What's taken off since you opened the shop that you wouldn't have guessed would happen?

Bone marrow. I think it has more to do with the paleo lifestyle, but a lot of beef heart, a lot of bone marrow, a lot of relatively unknown cuts like an inside pork skirt steak called the secreto, we sell a lot of that.

It literally means secret cut?

It does. And that's not the only cut that's referred to as the secreto in the Iberian Peninsula, there's also one in the shoulder, but we try to sell our shoulders whole, bone-in. But we're taking the spareribs off anyway, and turning the belly into bacon, so we get that skirt piece.

Also, people really like head cheese. I didn't see that coming. The popularity of head meat is a thing that's kind of really blown my mind. Because the weeks where we don't make head cheese, we'll alternate and make scrapple out of it. People really love scrapple too.
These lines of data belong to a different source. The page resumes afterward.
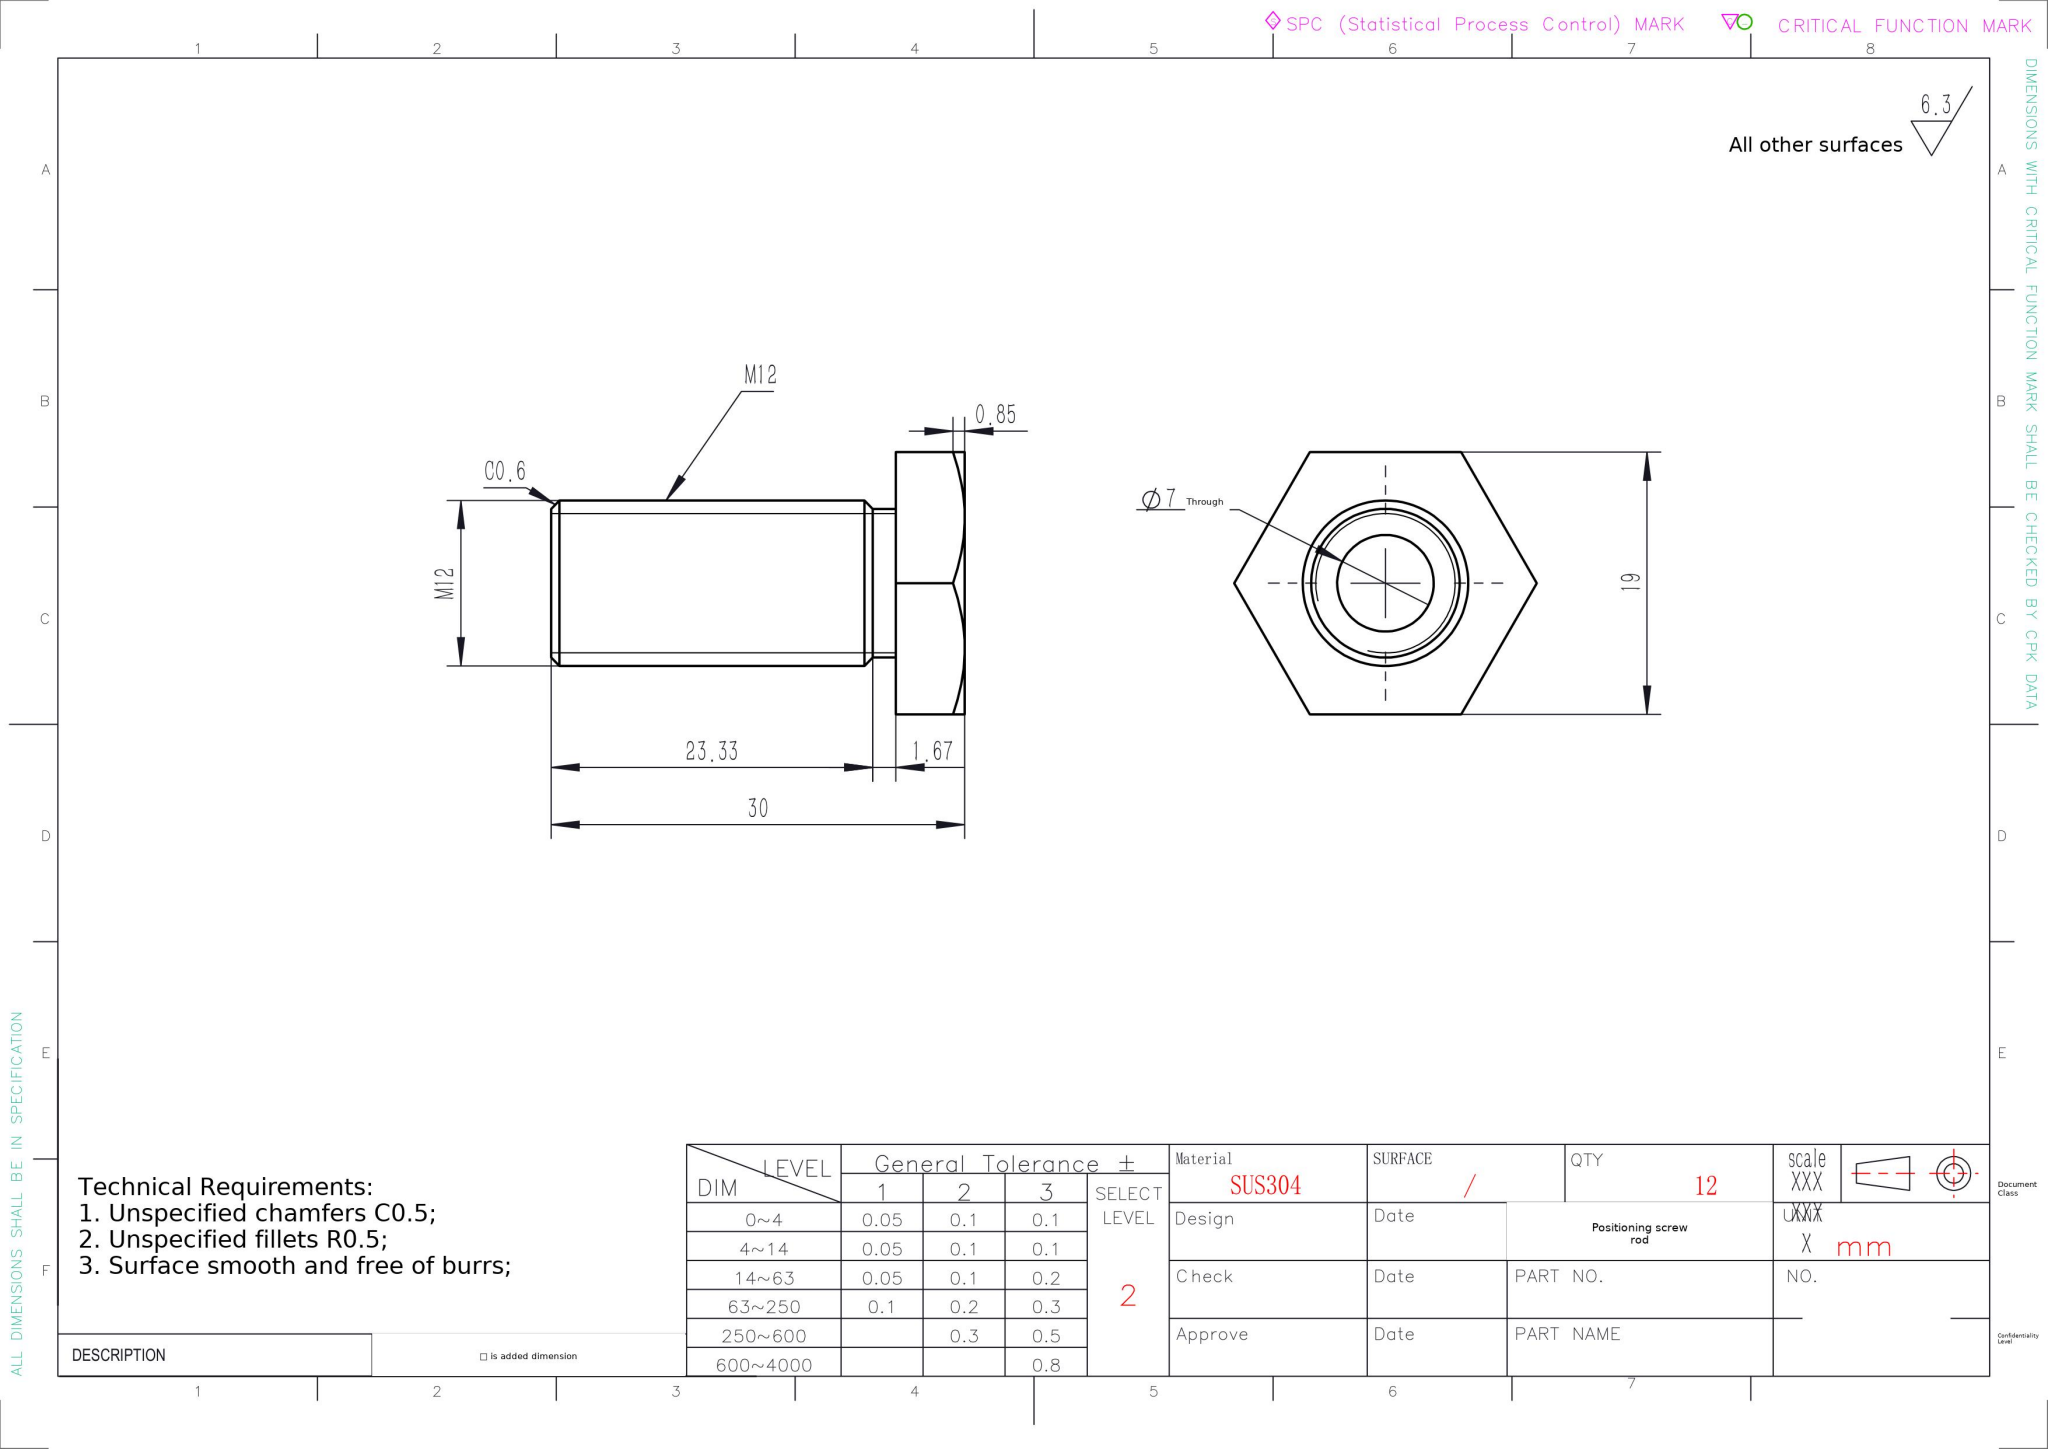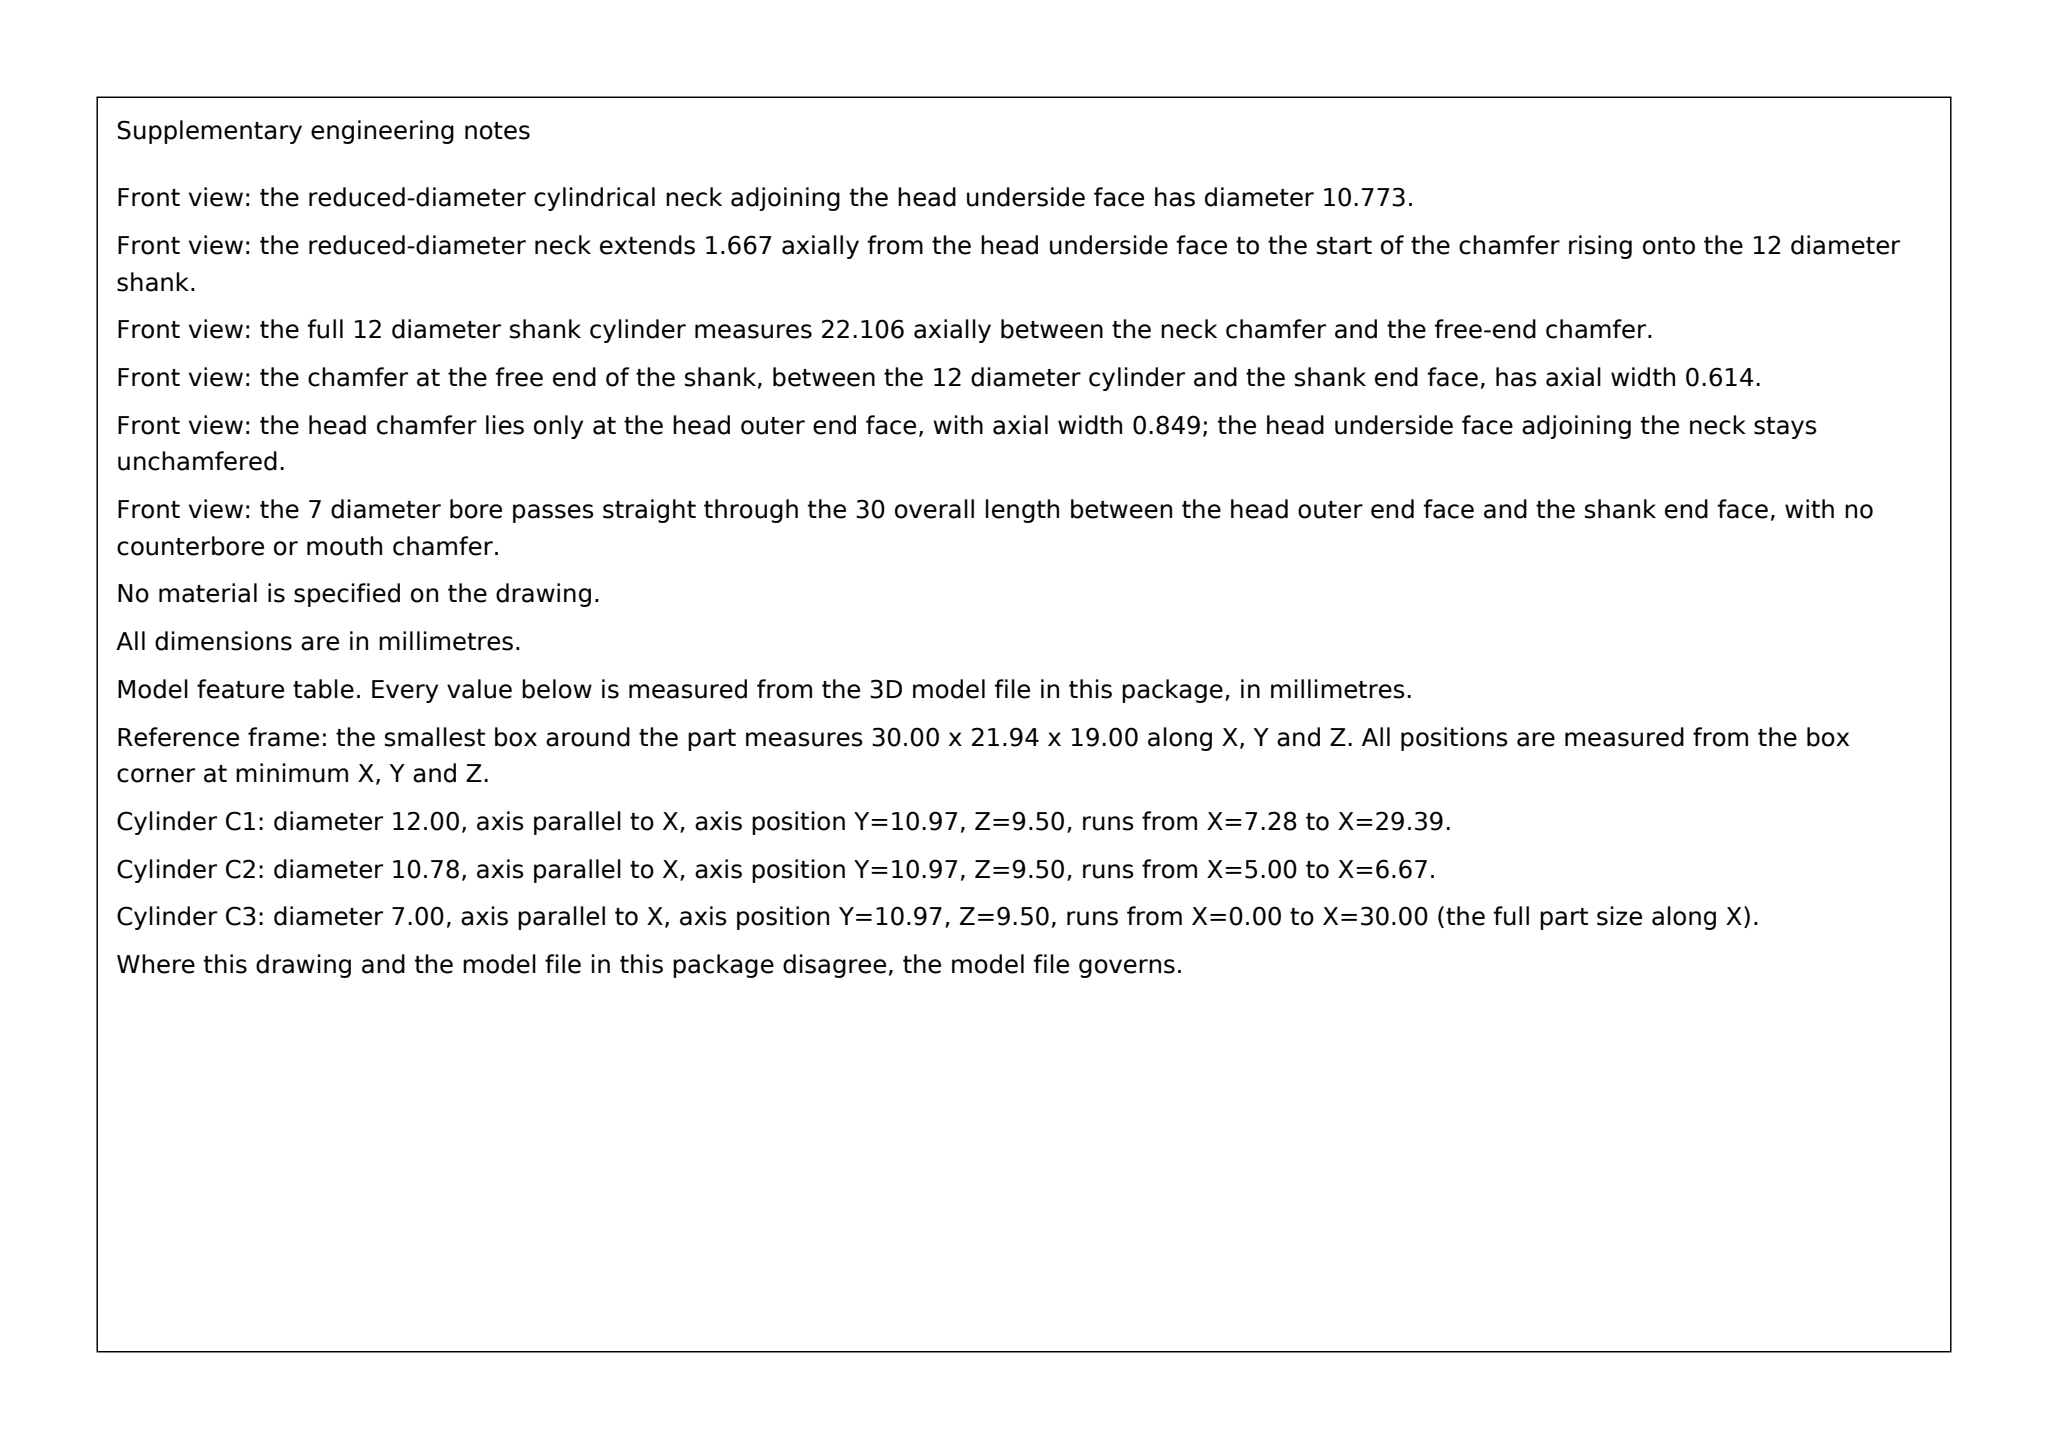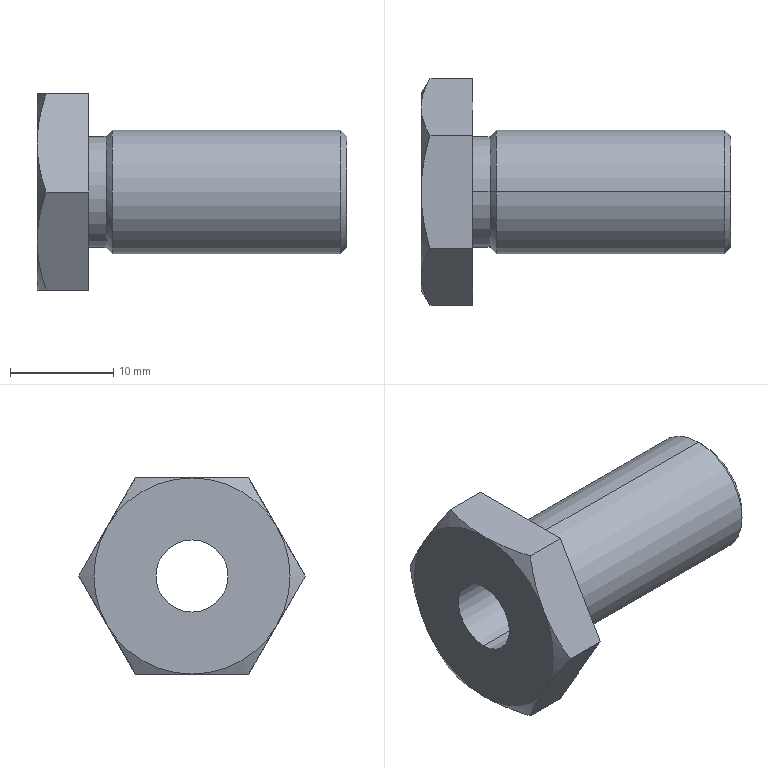Part | SolidWorks | mm | 1 solid | 25 faces | box 30 x 21.94 x 19 mm | volume 3178 mm3 | cone 10 | plane 9 | cylinder 6 | commonest cylinder face diameters 7 x2 12 x2 10.773 x2
Drawing notes:
HEX HD TOP CHAMFER 120° INCL x Ø15 (0.85 AXIAL) | from the solid: cones[included_angle,ref_dia]: [120.0, 15.0] x6 at hex head; 0.85 axial width shown
STEP:
#1=CARTESIAN_POINT('',(-5.,0.,3.5));
#2=VERTEX_POINT('',#1);
#3=CARTESIAN_POINT('',(-5.,0.,-3.5));
#4=VERTEX_POINT('',#3);
#5=CARTESIAN_POINT('',(-5.,0.,0.));
#6=DIRECTION('',(1.,0.,0.));
#7=DIRECTION('',(0.,0.,-1.));
#8=AXIS2_PLACEMENT_3D('',#5,#6,#7);
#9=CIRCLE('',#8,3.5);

And then we do a tacos de cabeza kind of a thing too. Basically we braise the heads, cube the meat, crisp it and then toss it with cilantro and onions and lime juice, and sell it like that.

The main thing is, and it's not like a talking point about the book or something like that, is that it's really fun. It's trying to take the liberal guilt, the Michael Pollan-Alice Waters thing, out of eating humanely raised, locally sourced meat and sort of just enjoying it for what it is.

Which is?

Really great food. And all the things that come with it like community and companionship and friendship and fun. And drinking. There's a whole minichapter about drinks.

So when Rob Levitt was learning his trade at the Meat Hook, how hopeless was he?

In the beginning, kind of hopeless! To be fair, I was pretty hopeless when I started—but it's like the old Albert Einstein quote, if you have problems with math, I assure you mine are far greater. That's some kind of encouragement for people to pick up this book and start butchering themselves: no matter how bad sort of apprentice you are at butchering, I assure you can't be as bad as I was, teaching myself in a shed out back of the restaurant with some YouTube videos to watch.